One of the goals of my (and many other diabetes bloggers) advocacy is to bring the community, comfort and guidance of the Diabetes Online Community into the real world - because not everyone is online but everyone should have the ability to find others who understand their lives with diabetes.
During the recording of episode #23 of my podcast I asked Jack's Mom and Dad about the guidance that was provided to them at the hospital during their son's type 1 diagnosis. I was thrilled to hear that insulin pumps and continuous glucose monitors were on the menu but I couldn't quite believe my ears when Beth told me that their doctors recommended a Facebook support group. My heart leapt and I instantly thought of Cherise Shockley the founder of DSMA... she is always talking about bringing the goodness of the online community into the real world. Looks like it's happening and wait until you hear how that advice has benefited the Tran family.
Below is some information on the Facebook group that Jack's parents are members of and an inline player that you can listen to their podcast episode with... you can also listen at iTunes, Stitcher or on your favorite podcast app.
A little history from the TOFN founder, Alison Zettle:
"TOFN- is for parents(grandparents) of school-aged children or younger with type one diabetes living in Texas. The parents wanted to keep the topics focused on kids issues and not adult issues. We have three networks TOFN-North Texas, TOFN-Central Texas and TOFN-South Texas which includes Houston.
How it started: Andrew was dx in March 2010. I was so overwhelmed and I felt so alone. I read and read and read and I kept coming across the statement made by adults with type one "I felt so alone and different as a child". That broke my heart and I knew that in today's day and age our kids did not have to live/feel like that. We have to be aware the mental strain of having type one as well as the physical one.

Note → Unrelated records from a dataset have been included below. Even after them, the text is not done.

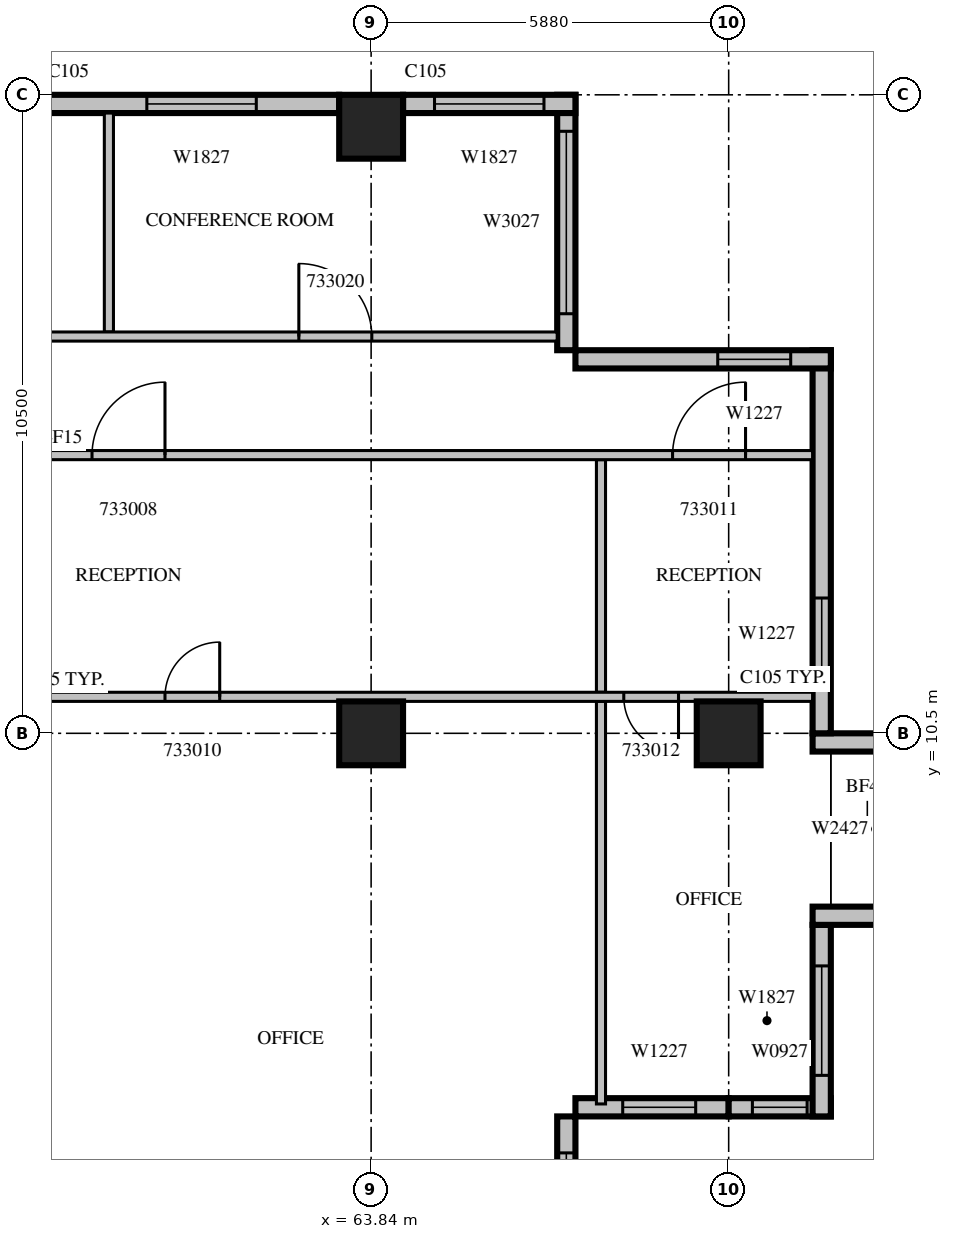
"""IFC4 building model, lengths in metres.
Left out: names, types, materials, properties, quantities, classifications, styles, units other than length and angle.
Written with IfcOpenShell. Run it as: python <this file> out.ifc"""

import sys

from ifc_helpers import new_model, si_unit, direction, frame, frame_2d, origin, origin_2d, place, context, subcontext, project, spatial, rectangle, extrude, source, transform, mapped, element, fill, save


model = new_model("IFC4")
c1 = context("Model", 3, precision=1e-05, world=origin(), true_north=direction((0.0, 1.0)))
c2 = subcontext(c1, "Body", "Model", "MODEL_VIEW")
j1 = project(units=[si_unit("LENGTHUNIT", "METRE"), si_unit("PLANEANGLEUNIT", "RADIAN")], contexts=[c1])
p1 = place(None, origin())
s1 = spatial("IfcSite", under=j1, at=p1, CompositionType="ELEMENT")
p2 = place(p1, origin())
s2 = spatial("IfcBuilding", under=s1, at=p2, CompositionType="ELEMENT")
p3 = place(p2, frame((0.0, 0.0, 149.7)))
s3 = spatial("IfcBuildingStorey", under=s2, at=p3, CompositionType="ELEMENT", Elevation=149.7)
m1 = source(origin(), c2, "Body", "SweptSolid", [
    extrude(rectangle(XDim=1.05, YDim=1.05, at=origin_2d()), origin(), (0.0, 0.0, 1.0), 4.2),
])
for number, where, z_axis, x_axis in (
    (1, (63.84, 10.5, 0.0), (0.0, 0.0, 1.0), (1.0, 0.0, 0.0)),
    (2, (69.72, 10.5, 0.0), (0.0, 0.0, 1.0), (1.0, 0.0, 0.0)),
    (3, (63.84, 20.475, 0.0), (0.0, 0.0, 1.0), (1.0, 0.0, 0.0)),
):
    element("IfcColumn", number, at=place(p3, frame(where, z_axis=z_axis, x_axis=x_axis)), inside=s3, PredefinedType="COLUMN", context=c2, shape_type="MappedRepresentation", body=[
        mapped(m1, transform((0.0, 0.0, 0.0), scale=1.0)),
    ])
m2 = source(origin(), c2, "Body", "SweptSolid", [
    extrude(rectangle(XDim=4.2, YDim=0.3, at=frame_2d((2.1, 0.0))), origin(), (0.0, 0.0, 1.0), 3.8),
])
p4 = place(p3, frame((67.05, 0.0, 0.0), z_axis=(0.0, 0.0, 1.0), x_axis=(0.0, 1.0, 0.0)))
e4 = element("IfcWall", 4, at=p4, inside=s3, PredefinedType="STANDARD", context=c2, shape_type="MappedRepresentation", body=[
    mapped(m2, transform((0.0, 0.0, 0.0), scale=1.0)),
])
m3 = source(origin(), c2, "Body", "SweptSolid", [
    extrude(rectangle(XDim=3.0, YDim=2.7, at=frame_2d((1.5, 1.35))), frame((0.0, 0.16, 0.0), z_axis=(0.0, -1.0, 0.0), x_axis=(1.0, 0.0, 0.0)), (0.0, 0.0, 1.0), 0.32),
])
p5 = place(p4, frame((0.6, 0.0, 0.6)))
e5 = element("IfcOpeningElement", 5, at=p5, cuts=e4, PredefinedType="OPENING", context=c2, shape_type="MappedRepresentation", body=[
    mapped(m3, transform((0.0, 0.0, 0.0), scale=1.0)),
])
m4 = source(origin(), c2, "Body", "SweptSolid", [
    extrude(rectangle(XDim=2.52, YDim=0.3, at=frame_2d((1.26, 0.0))), origin(), (0.0, 0.0, 1.0), 3.8),
])
p6 = place(p3, frame((67.2, 4.35, 0.0), z_axis=(0.0, 0.0, 1.0), x_axis=(1.0, 0.0, 0.0)))
e6 = element("IfcWall", 6, at=p6, inside=s3, PredefinedType="STANDARD", context=c2, shape_type="MappedRepresentation", body=[
    mapped(m4, transform((0.0, 0.0, 0.0), scale=1.0)),
])
m5 = source(origin(), c2, "Body", "SweptSolid", [
    extrude(rectangle(XDim=1.2, YDim=2.7, at=frame_2d((0.6, 1.35))), frame((0.0, 0.16, 0.0), z_axis=(0.0, -1.0, 0.0), x_axis=(1.0, 0.0, 0.0)), (0.0, 0.0, 1.0), 0.32),
])
p7 = place(p6, frame((0.777, 0.0, 0.6)))
e7 = element("IfcOpeningElement", 7, at=p7, cuts=e6, PredefinedType="OPENING", context=c2, shape_type="MappedRepresentation", body=[
    mapped(m5, transform((0.0, 0.0, 0.0), scale=1.0)),
])
m6 = source(origin(), c2, "Body", "SweptSolid", [
    extrude(rectangle(XDim=1.68, YDim=0.3, at=frame_2d((0.84, 0.0))), origin(), (0.0, 0.0, 1.0), 3.8),
])
p8 = place(p3, frame((69.72, 4.35, 0.0), z_axis=(0.0, 0.0, 1.0), x_axis=(1.0, 0.0, 0.0)))
e8 = element("IfcWall", 8, at=p8, inside=s3, PredefinedType="STANDARD", context=c2, shape_type="MappedRepresentation", body=[
    mapped(m6, transform((0.0, 0.0, 0.0), scale=1.0)),
])
m7 = source(origin(), c2, "Body", "SweptSolid", [
    extrude(rectangle(XDim=0.9, YDim=2.7, at=frame_2d((0.45, 1.35))), frame((0.0, 0.16, 0.0), z_axis=(0.0, -1.0, 0.0), x_axis=(1.0, 0.0, 0.0)), (0.0, 0.0, 1.0), 0.32),
])
p9 = place(p8, frame((0.39, 0.0, 0.6)))
e9 = element("IfcOpeningElement", 9, at=p9, cuts=e8, PredefinedType="OPENING", context=c2, shape_type="MappedRepresentation", body=[
    mapped(m7, transform((0.0, 0.0, 0.0), scale=1.0)),
])
m8 = source(origin(), c2, "Body", "SweptSolid", [
    extrude(rectangle(XDim=3.15, YDim=0.3, at=frame_2d((1.575, 0.0))), origin(), (0.0, 0.0, 1.0), 3.8),
])
p10 = place(p3, frame((71.25, 4.2, 0.0), z_axis=(0.0, 0.0, 1.0), x_axis=(0.0, 1.0, 0.0)))
e10 = element("IfcWall", 10, at=p10, inside=s3, PredefinedType="STANDARD", context=c2, shape_type="MappedRepresentation", body=[
    mapped(m8, transform((0.0, 0.0, 0.0), scale=1.0)),
])
m9 = source(origin(), c2, "Body", "SweptSolid", [
    extrude(rectangle(XDim=1.8, YDim=2.7, at=frame_2d((0.9, 1.35))), frame((0.0, 0.16, 0.0), z_axis=(0.0, -1.0, 0.0), x_axis=(1.0, 0.0, 0.0)), (0.0, 0.0, 1.0), 0.32),
])
p11 = place(p10, frame((0.675, 0.0, 0.6)))
e11 = element("IfcOpeningElement", 11, at=p11, cuts=e10, PredefinedType="OPENING", context=c2, shape_type="MappedRepresentation", body=[
    mapped(m9, transform((0.0, 0.0, 0.0), scale=1.0)),
])
m10 = source(origin(), c2, "Body", "SweptSolid", [
    extrude(rectangle(XDim=1.2, YDim=0.3, at=frame_2d((0.6, 0.0))), origin(), (0.0, 0.0, 1.0), 3.8),
])
for number, where, z_axis, x_axis in (
    (12, (71.1, 7.5, 0.0), (0.0, 0.0, 1.0), (1.0, 0.0, 0.0)),
    (13, (71.1, 10.35, 0.0), (0.0, 0.0, 1.0), (1.0, 0.0, 0.0)),
):
    element("IfcWall", number, at=place(p3, frame(where, z_axis=z_axis, x_axis=x_axis)), inside=s3, PredefinedType="STANDARD", context=c2, shape_type="MappedRepresentation", body=[
        mapped(m10, transform((0.0, 0.0, 0.0), scale=1.0)),
    ])
m11 = source(origin(), c2, "Body", "SweptSolid", [
    extrude(rectangle(XDim=6.3, YDim=0.3, at=frame_2d((3.15, 0.0))), origin(), (0.0, 0.0, 1.0), 3.8),
])
p12 = place(p3, frame((71.25, 10.5, 0.0), z_axis=(0.0, 0.0, 1.0), x_axis=(0.0, 1.0, 0.0)))
e14 = element("IfcWall", 14, at=p12, inside=s3, PredefinedType="STANDARD", context=c2, shape_type="MappedRepresentation", body=[
    mapped(m11, transform((0.0, 0.0, 0.0), scale=1.0)),
])
p13 = place(p12, frame((1.025, 0.0, 0.6)))
e15 = element("IfcOpeningElement", 15, at=p13, cuts=e14, PredefinedType="OPENING", context=c2, shape_type="MappedRepresentation", body=[
    mapped(m5, transform((0.0, 0.0, 0.0), scale=1.0)),
])
p14 = place(p3, frame((71.4, 16.65, 0.0), z_axis=(0.0, 0.0, 1.0), x_axis=(-1.0, 0.0, 0.0)))
e16 = element("IfcWall", 16, at=p14, inside=s3, PredefinedType="STANDARD", context=c2, shape_type="MappedRepresentation", body=[
    mapped(m2, transform((0.0, 0.0, 0.0), scale=1.0)),
])
p15 = place(p14, frame((0.66, 0.0, 0.6)))
e17 = element("IfcOpeningElement", 17, at=p15, cuts=e16, PredefinedType="OPENING", context=c2, shape_type="MappedRepresentation", body=[
    mapped(m5, transform((0.0, 0.0, 0.0), scale=1.0)),
])
p16 = place(p3, frame((67.05, 16.8, 0.0), z_axis=(0.0, 0.0, 1.0), x_axis=(0.0, 1.0, 0.0)))
e18 = element("IfcWall", 18, at=p16, inside=s3, PredefinedType="STANDARD", context=c2, shape_type="MappedRepresentation", body=[
    mapped(m2, transform((0.0, 0.0, 0.0), scale=1.0)),
])
p17 = place(p16, frame((0.6, 0.0, 0.6)))
e19 = element("IfcOpeningElement", 19, at=p17, cuts=e18, PredefinedType="OPENING", context=c2, shape_type="MappedRepresentation", body=[
    mapped(m3, transform((0.0, 0.0, 0.0), scale=1.0)),
])
m12 = source(origin(), c2, "Body", "SweptSolid", [
    extrude(rectangle(XDim=2.835, YDim=0.3, at=frame_2d((1.417, 0.0))), origin(), (0.0, 0.0, 1.0), 3.8),
])
p18 = place(p3, frame((67.2, 20.85, 0.0), z_axis=(0.0, 0.0, 1.0), x_axis=(-1.0, 0.0, 0.0)))
e20 = element("IfcWall", 20, at=p18, inside=s3, PredefinedType="STANDARD", context=c2, shape_type="MappedRepresentation", body=[
    mapped(m12, transform((0.0, 0.0, 0.0), scale=1.0)),
])
p19 = place(p18, frame((0.517, 0.0, 0.6)))
e21 = element("IfcOpeningElement", 21, at=p19, cuts=e20, PredefinedType="OPENING", context=c2, shape_type="MappedRepresentation", body=[
    mapped(m9, transform((0.0, 0.0, 0.0), scale=1.0)),
])
m13 = source(origin(), c2, "Body", "SweptSolid", [
    extrude(rectangle(XDim=4.83, YDim=0.3, at=frame_2d((2.415, 0.0))), origin(), (0.0, 0.0, 1.0), 3.8),
])
p20 = place(p3, frame((63.315, 20.85, 0.0), z_axis=(0.0, 0.0, 1.0), x_axis=(-1.0, 0.0, 0.0)))
e22 = element("IfcWall", 22, at=p20, inside=s3, PredefinedType="STANDARD", context=c2, shape_type="MappedRepresentation", body=[
    mapped(m13, transform((0.0, 0.0, 0.0), scale=1.0)),
])
p21 = place(p20, frame((1.363, 0.0, 0.6)))
e23 = element("IfcOpeningElement", 23, at=p21, cuts=e22, PredefinedType="OPENING", context=c2, shape_type="MappedRepresentation", body=[
    mapped(m9, transform((0.0, 0.0, 0.0), scale=1.0)),
])
m14 = source(origin(), c2, "Body", "SweptSolid", [
    extrude(rectangle(XDim=6.62, YDim=0.15, at=frame_2d((3.31, 0.0))), origin(), (0.0, 0.0, 1.0), 3.8),
])
p22 = place(p3, frame((67.62, 4.405, 0.0), z_axis=(0.0, 0.0, 1.0), x_axis=(0.0, 1.0, 0.0)))
e24 = element("IfcWall", 24, at=p22, inside=s3, PredefinedType="PARTITIONING", context=c2, shape_type="MappedRepresentation", body=[
    mapped(m14, transform((0.0, 0.0, 0.0), scale=1.0)),
])
m15 = source(origin(), c2, "Body", "SweptSolid", [
    extrude(rectangle(XDim=3.825, YDim=0.15, at=frame_2d((1.913, 0.0))), origin(), (0.0, 0.0, 1.0), 3.8),
])
p23 = place(p3, frame((67.62, 11.175, 0.0), z_axis=(0.0, 0.0, 1.0), x_axis=(0.0, 1.0, 0.0)))
e25 = element("IfcWall", 25, at=p23, inside=s3, PredefinedType="PARTITIONING", context=c2, shape_type="MappedRepresentation", body=[
    mapped(m15, transform((0.0, 0.0, 0.0), scale=1.0)),
])
m16 = source(origin(), c2, "Body", "SweptSolid", [
    extrude(rectangle(XDim=24.9, YDim=0.15, at=frame_2d((12.45, 0.0))), origin(), (0.0, 0.0, 1.0), 3.8),
])
p24 = place(p3, frame((71.1, 11.1, 0.0), z_axis=(0.0, 0.0, 1.0), x_axis=(-1.0, 0.0, 0.0)))
e26 = element("IfcWall", 26, at=p24, inside=s3, PredefinedType="PARTITIONING", context=c2, shape_type="MappedRepresentation", body=[
    mapped(m16, transform((0.0, 0.0, 0.0), scale=1.0)),
])
m17 = source(origin(), c2, "Body", "SweptSolid", [
    extrude(rectangle(XDim=1.1, YDim=2.1, at=frame_2d((0.55, 1.05))), frame((0.0, 0.085, 0.0), z_axis=(0.0, -1.0, 0.0), x_axis=(1.0, 0.0, 0.0)), (0.0, 0.0, 1.0), 0.17),
])
p25 = place(p24, frame((19.988, 0.0, 0.0)))
e27 = element("IfcOpeningElement", 27, at=p25, cuts=e26, PredefinedType="OPENING", context=c2, shape_type="MappedRepresentation", body=[
    mapped(m17, transform((0.0, 0.0, 0.0), scale=1.0)),
])
m18 = source(origin(), c2, "Body", "SweptSolid", [
    extrude(rectangle(XDim=0.9, YDim=2.1, at=frame_2d((0.45, 1.05))), frame((0.0, 0.085, 0.0), z_axis=(0.0, -1.0, 0.0), x_axis=(1.0, 0.0, 0.0)), (0.0, 0.0, 1.0), 0.17),
])
p26 = place(p24, frame((15.63, 0.0, 0.0)))
e28 = element("IfcOpeningElement", 28, at=p26, cuts=e26, PredefinedType="OPENING", context=c2, shape_type="MappedRepresentation", body=[
    mapped(m18, transform((0.0, 0.0, 0.0), scale=1.0)),
])
p27 = place(p24, frame((9.75, 0.0, 0.0)))
e29 = element("IfcOpeningElement", 29, at=p27, cuts=e26, PredefinedType="OPENING", context=c2, shape_type="MappedRepresentation", body=[
    mapped(m18, transform((0.0, 0.0, 0.0), scale=1.0)),
])
p28 = place(p24, frame((2.205, 0.0, 0.0)))
e30 = element("IfcOpeningElement", 30, at=p28, cuts=e26, PredefinedType="OPENING", context=c2, shape_type="MappedRepresentation", body=[
    mapped(m18, transform((0.0, 0.0, 0.0), scale=1.0)),
])
m19 = source(origin(), c2, "Body", "SweptSolid", [
    extrude(rectangle(XDim=3.6, YDim=0.15, at=frame_2d((1.8, 0.0))), origin(), (0.0, 0.0, 1.0), 3.8),
])
p29 = place(p3, frame((59.528, 20.7, 0.0), z_axis=(0.0, 0.0, 1.0), x_axis=(0.0, -1.0, 0.0)))
e31 = element("IfcWall", 31, at=p29, inside=s3, PredefinedType="PARTITIONING", context=c2, shape_type="MappedRepresentation", body=[
    mapped(m19, transform((0.0, 0.0, 0.0), scale=1.0)),
])
p30 = place(p3, frame((71.1, 15.075, 0.0), z_axis=(0.0, 0.0, 1.0), x_axis=(-1.0, 0.0, 0.0)))
e32 = element("IfcWall", 32, at=p30, inside=s3, PredefinedType="PARTITIONING", context=c2, shape_type="MappedRepresentation", body=[
    mapped(m16, transform((0.0, 0.0, 0.0), scale=1.0)),
])
p31 = place(p30, frame((19.754, 0.0, 0.0)))
e33 = element("IfcOpeningElement", 33, at=p31, cuts=e32, PredefinedType="OPENING", context=c2, shape_type="MappedRepresentation", body=[
    mapped(m17, transform((0.0, 0.0, 0.0), scale=1.0)),
])
p32 = place(p30, frame((22.794, 0.0, 0.0)))
e34 = element("IfcOpeningElement", 34, at=p32, cuts=e32, PredefinedType="OPENING", context=c2, shape_type="MappedRepresentation", body=[
    mapped(m18, transform((0.0, 0.0, 0.0), scale=1.0)),
])
m20 = source(origin(), c2, "Body", "SweptSolid", [
    extrude(rectangle(XDim=1.2, YDim=2.1, at=frame_2d((0.6, 1.05))), frame((0.0, 0.085, 0.0), z_axis=(0.0, -1.0, 0.0), x_axis=(1.0, 0.0, 0.0)), (0.0, 0.0, 1.0), 0.17),
])
p33 = place(p30, frame((10.65, 0.0, 0.0)))
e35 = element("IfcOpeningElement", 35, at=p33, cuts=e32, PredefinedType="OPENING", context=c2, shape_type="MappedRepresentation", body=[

I knew there had to be other parents living near me that had a child with type one. I wanted to meet them and learn from them and have Andrew meet other kids living successfully with type one. But no one could give me the names of anyone living with type one near me due to HIPPA laws. So I decided to create a local network so that parents and children could meet each other , learn from each other and support each other.
TOFN works closely with JDRF and the local children's hospitals. It took a lot of work to get it going but Andrew and I wouldn't be were we are today without the support of all our fellow D mom's and dads. The reason TOFN is so successful is because the TOFN members themselves. Someone is always there day/night to give you a much needed virtual hug or a "way to go"! I hope TOFN has made a difference in many families lives as it has certainly made a difference in mine."